# Sendeproblem bei Server_Client



## Lange (27. Jun 2012)

Hallo,

ich versuche vom Server einen Text an den Client zu schicken. Dort soll der Benutzer seinen Namen oder quit eingeben. Wenn der Benutzer seinen Namen eingibt, soll es an den Server geschickt werden, der den Namn abspeichert und zur Bestätigung den Namen an den Client wieder zurück gibt. Mit quit soll der Client einfach geschlossen werden.

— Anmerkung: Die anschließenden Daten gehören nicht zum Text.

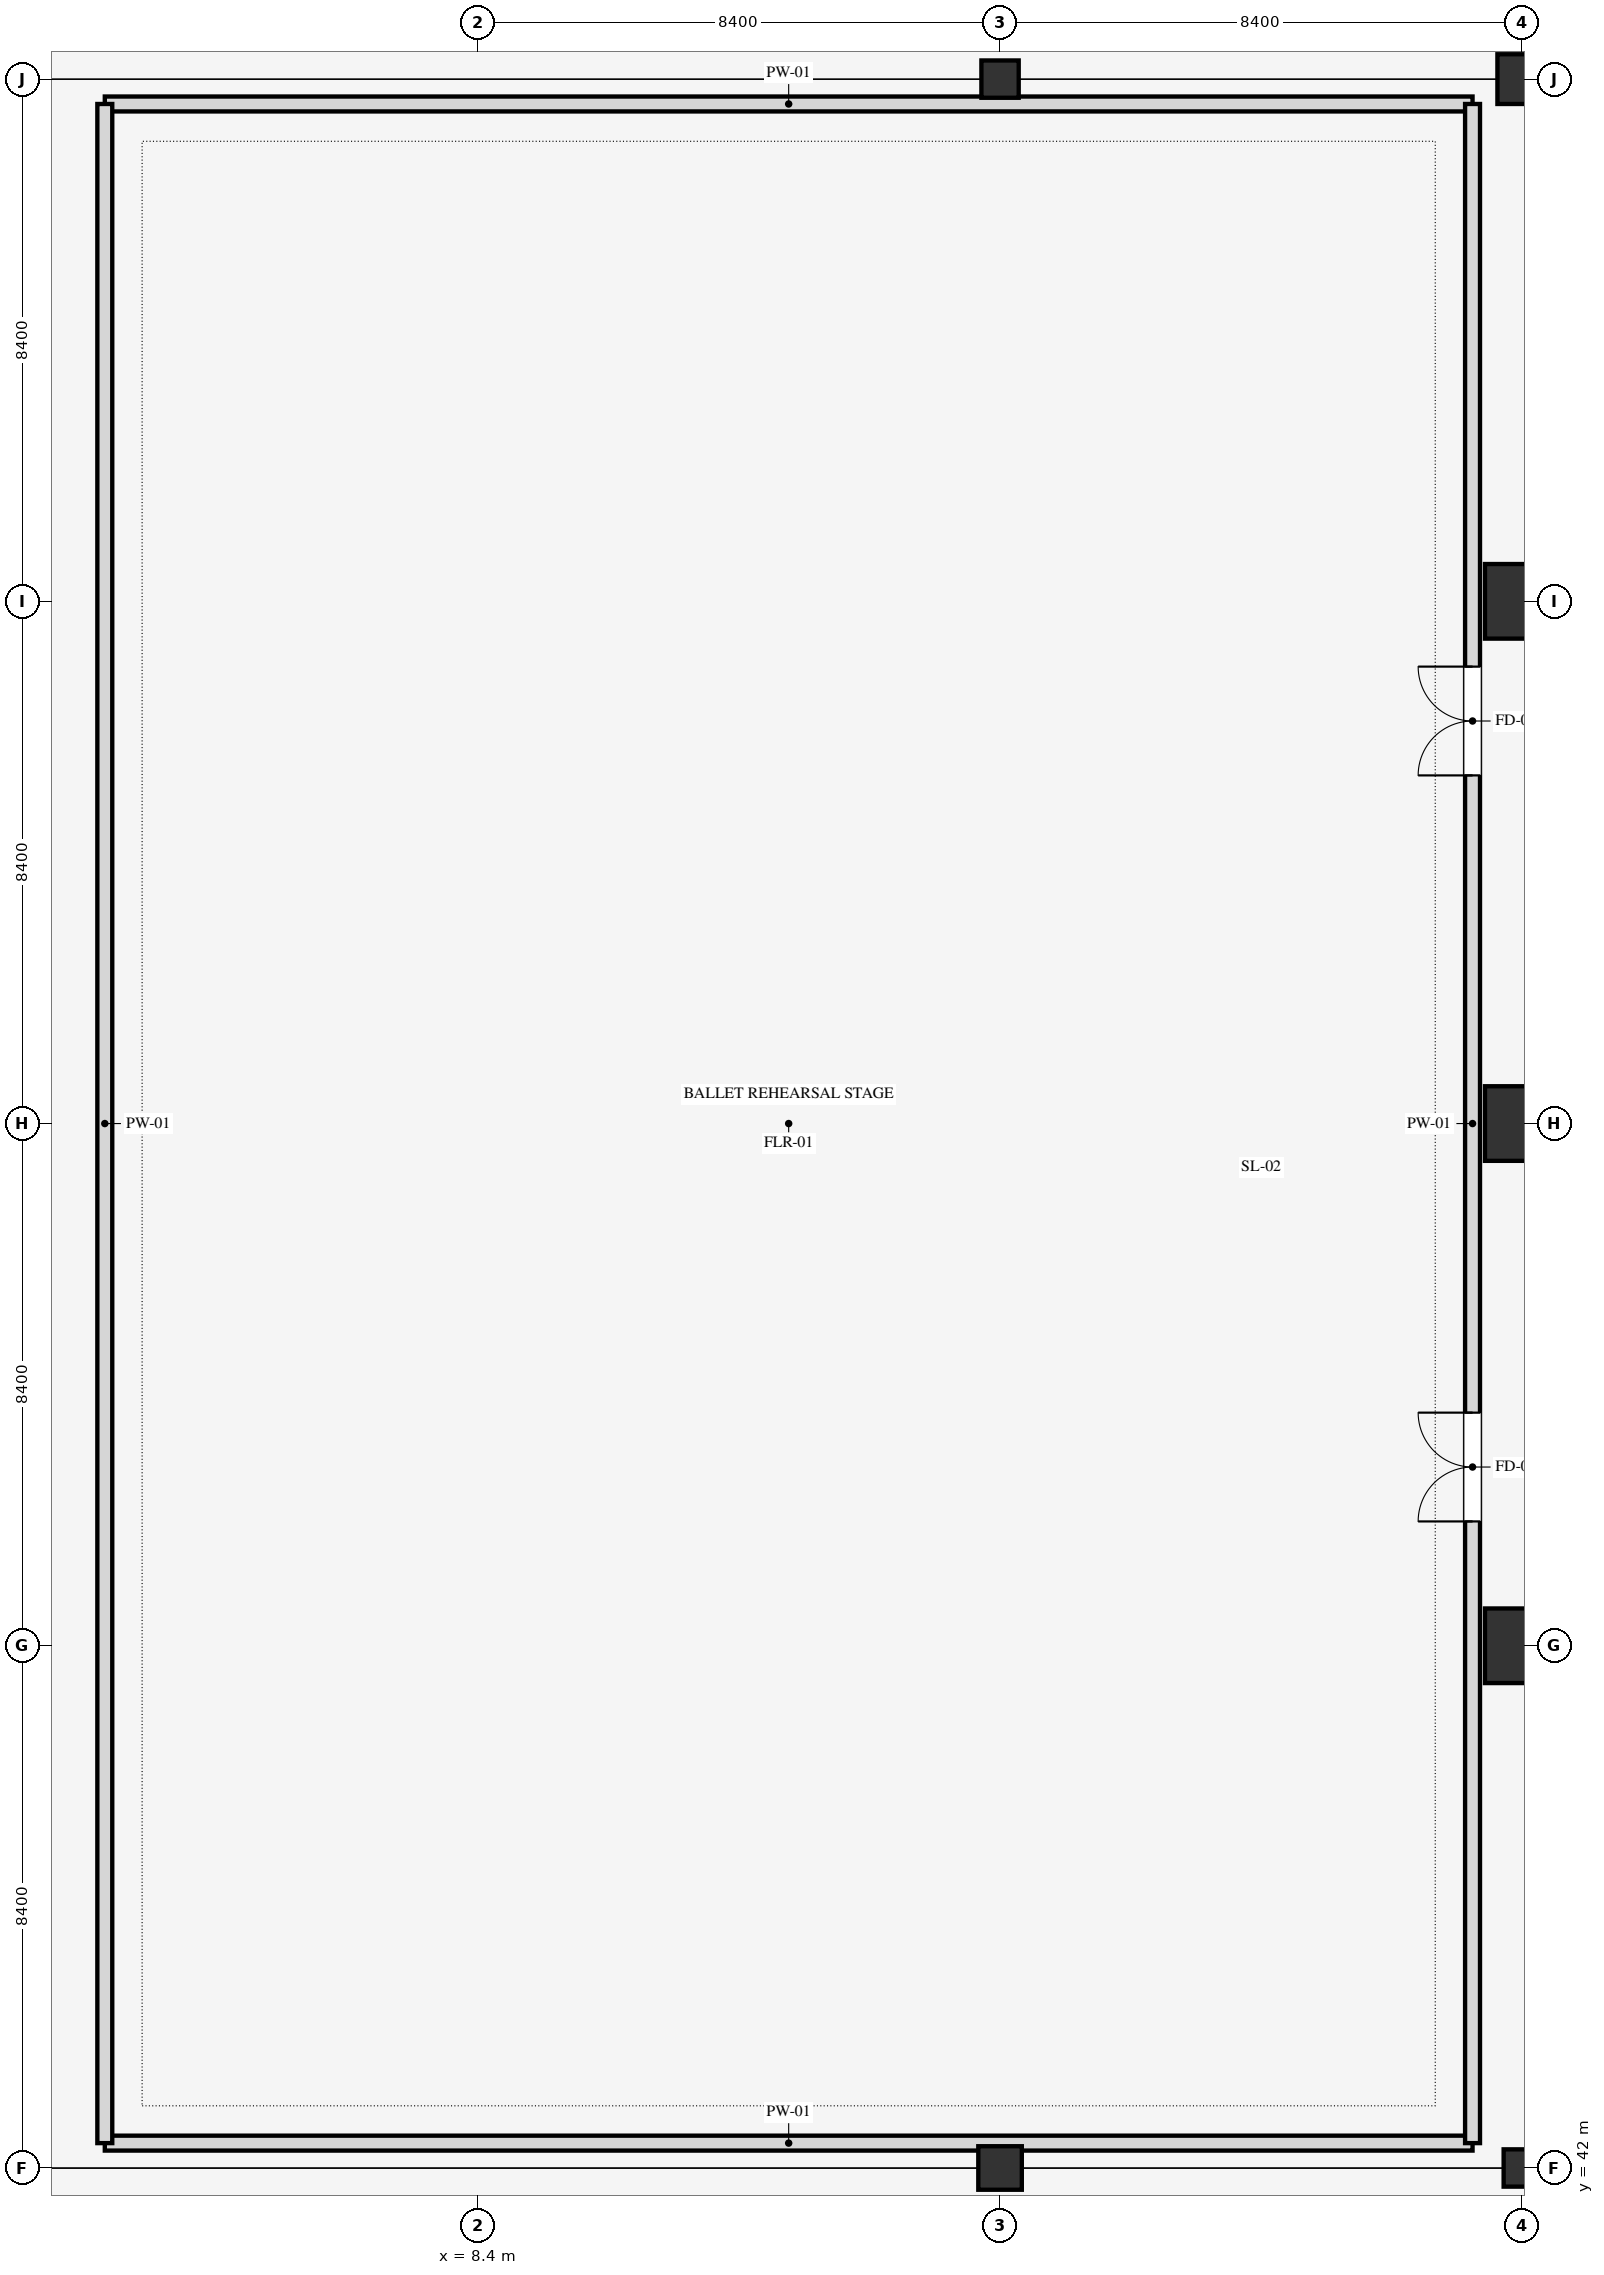
"""IFC4 building model, lengths in metres.
Left out: names, types, materials, properties, quantities, classifications, styles, units other than length and angle.
Written with IfcOpenShell. Run it as: python <this file> out.ifc"""

import sys

from ifc_helpers import new_model, si_unit, direction, frame, frame_2d, origin, origin_2d, place, context, subcontext, project, spatial, rectangle, extrude, element, fill, save


model = new_model("IFC4")
c1 = context("Model", 3, precision=1e-05, world=origin(), true_north=direction((0.0, 1.0)))
c2 = subcontext(c1, "Body", "Model", "MODEL_VIEW")
j1 = project(units=[si_unit("LENGTHUNIT", "METRE"), si_unit("PLANEANGLEUNIT", "RADIAN")], contexts=[c1])
p1 = place(None, origin())
s1 = spatial("IfcSite", under=j1, at=p1, CompositionType="ELEMENT")
p2 = place(p1, origin())
s2 = spatial("IfcBuilding", under=s1, at=p2, CompositionType="ELEMENT")
p3 = place(p2, frame((0.0, 0.0, 9.9)))
s3 = spatial("IfcBuildingStorey", under=s2, at=p3, CompositionType="ELEMENT", Elevation=9.9)
p4 = place(p3, frame((16.8, 42.0, 0.0), z_axis=(0.0, 0.0, 1.0), x_axis=(1.0, 0.0, 0.0)))
e1 = element("IfcColumn", 1, at=p4, inside=s3, PredefinedType="COLUMN", context=c2, shape_type="SweptSolid", body=[
    extrude(rectangle(XDim=0.7, YDim=0.7, at=origin_2d()), origin(), (0.0, 0.0, 1.0), 4.5),
])
for number, where, z_axis, x_axis in (
    (2, (16.8, 75.6, 0.0), (0.0, 0.0, 1.0), (1.0, 0.0, 0.0)),
    (3, (25.2, 42.0, 0.0), (0.0, 0.0, 1.0), (1.0, 0.0, 0.0)),
):
    element("IfcColumn", number, at=place(p3, frame(where, z_axis=z_axis, x_axis=x_axis)), inside=s3, PredefinedType="COLUMN", context=c2, shape_type="SweptSolid", body=[
        extrude(rectangle(XDim=0.6, YDim=0.6, at=origin_2d()), origin(), (0.0, 0.0, 1.0), 4.5),
    ])
for number, where, z_axis, x_axis in (
    (4, (25.2, 50.4, 0.0), (0.0, 0.0, 1.0), (1.0, 0.0, 0.0)),
    (5, (25.2, 58.8, 0.0), (0.0, 0.0, 1.0), (1.0, 0.0, 0.0)),
    (6, (25.2, 67.2, 0.0), (0.0, 0.0, 1.0), (1.0, 0.0, 0.0)),
):
    element("IfcColumn", number, at=place(p3, frame(where, z_axis=z_axis, x_axis=x_axis)), inside=s3, PredefinedType="COLUMN", context=c2, shape_type="SweptSolid", body=[
        extrude(rectangle(XDim=1.2, YDim=1.2, at=origin_2d()), origin(), (0.0, 0.0, 1.0), 4.5),
    ])
p5 = place(p3, frame((25.2, 75.6, 0.0), z_axis=(0.0, 0.0, 1.0), x_axis=(1.0, 0.0, 0.0)))
e7 = element("IfcColumn", 7, at=p5, inside=s3, PredefinedType="COLUMN", context=c2, shape_type="SweptSolid", body=[
    extrude(rectangle(XDim=0.8, YDim=0.8, at=origin_2d()), origin(), (0.0, 0.0, 1.0), 4.5),
])
for number, where, z_axis, x_axis in (
    (8, (2.4, 42.4, 0.0), (0.0, 0.0, 1.0), (1.0, 0.0, 0.0)),
    (9, (2.4, 75.2, 0.0), (0.0, 0.0, 1.0), (1.0, 0.0, 0.0)),
):
    element("IfcWall", number, at=place(p3, frame(where, z_axis=z_axis, x_axis=x_axis)), inside=s3, PredefinedType="PARTITIONING", context=c2, shape_type="SweptSolid", body=[
        extrude(rectangle(XDim=22.0, YDim=0.24, at=frame_2d((11.0, 0.0))), origin(), (0.0, 0.0, 1.0), 3.54),
    ])
p6 = place(p3, frame((2.4, 42.4, 0.0), z_axis=(0.0, 0.0, 1.0), x_axis=(0.0, 1.0, 0.0)))
e10 = element("IfcWall", 10, at=p6, inside=s3, PredefinedType="PARTITIONING", context=c2, shape_type="SweptSolid", body=[
    extrude(rectangle(XDim=32.8, YDim=0.24, at=frame_2d((16.4, 0.0))), origin(), (0.0, 0.0, 1.0), 3.54),
])
p7 = place(p3, frame((24.4, 42.4, 0.0), z_axis=(0.0, 0.0, 1.0), x_axis=(0.0, 1.0, 0.0)))
e11 = element("IfcWall", 11, at=p7, inside=s3, PredefinedType="PARTITIONING", context=c2, shape_type="SweptSolid", body=[
    extrude(rectangle(XDim=32.8, YDim=0.24, at=frame_2d((16.4, 0.0))), origin(), (0.0, 0.0, 1.0), 3.54),
])
p8 = place(p7, frame((10.0, 0.0, 0.0)))
e12 = element("IfcOpeningElement", 12, at=p8, cuts=e11, PredefinedType="OPENING", context=c2, shape_type="SweptSolid", body=[
    extrude(rectangle(XDim=1.75, YDim=2.2, at=frame_2d((0.875, 1.1))), frame((0.0, 0.13, 0.0), z_axis=(0.0, -1.0, 0.0), x_axis=(1.0, 0.0, 0.0)), (0.0, 0.0, 1.0), 0.26),
])
p9 = place(p7, frame((22.0, 0.0, 0.0)))
e13 = element("IfcOpeningElement", 13, at=p9, cuts=e11, PredefinedType="OPENING", context=c2, shape_type="SweptSolid", body=[
    extrude(rectangle(XDim=1.75, YDim=2.2, at=frame_2d((0.875, 1.1))), frame((0.0, 0.13, 0.0), z_axis=(0.0, -1.0, 0.0), x_axis=(1.0, 0.0, 0.0)), (0.0, 0.0, 1.0), 0.26),
])
p10 = place(p8, origin())
e14 = element("IfcDoor", 14, at=p10, inside=s3, OperationType="DOUBLE_DOOR_SINGLE_SWING", PredefinedType="DOOR", context=c2, shape_type="SweptSolid", body=[
    extrude(rectangle(XDim=1.75, YDim=2.2, at=frame_2d((0.875, 1.1))), frame((0.0, 0.025, 0.0), z_axis=(0.0, -1.0, 0.0), x_axis=(1.0, 0.0, 0.0)), (0.0, 0.0, 1.0), 0.05),
])
fill(e12, e14)
p11 = place(p9, origin())
e15 = element("IfcDoor", 15, at=p11, inside=s3, OperationType="DOUBLE_DOOR_SINGLE_SWING", PredefinedType="DOOR", context=c2, shape_type="SweptSolid", body=[
    extrude(rectangle(XDim=1.75, YDim=2.2, at=frame_2d((0.875, 1.1))), frame((0.0, 0.025, 0.0), z_axis=(0.0, -1.0, 0.0), x_axis=(1.0, 0.0, 0.0)), (0.0, 0.0, 1.0), 0.05),
])
fill(e13, e15)
save(model, sys.argv[1])

Wenn ich auf der Clientseite:

zuerst den InputStream aufbaue und das ganze Programm starte bekomme ich folgende Fehlermeldungen:

Server läuft!
IO-Error bei Client 1
java.net.SocketException: Connection reset
Protokoll fuer Client 1gestartet
	at java.net.SocketInputStream.read(Unknown Source)
	at java.ibjectInputStream$PeekInputStream.read(Unknown Source)
	at java.ibjectInputStream$PeekInputStream.readFully(Unknown Source)
	at java.ibjectInputStream$BlockDataInputStream.readShort(Unknown Source)
	at java.ibjectInputStream.readStreamHeader(Unknown Source)
	at java.ibjectInputStream.<init>(Unknown Source)
	at tests.Dienst.<init>(Dienst.java:26)
	at tests.MultiServer.main(MultiServer.java:15)
Exception in thread "Thread-0" java.lang.NullPointerException
	at tests.Dienst.run(Dienst.java:42)

Dann habe ich auf der ClientSeite zuerst den OutputStream geöffnet. Daraufhin läuft zwar das Programm. Aber der Server schickt dem Client irgendwie ständig den String, das er seinen Namen oder quit eingeben soll.

Nun meine Fragen:

Liegt der Fehler vll doch eher bei der ersten Variante wo ich bei Client zuerst den InputStream geöffnet habe? 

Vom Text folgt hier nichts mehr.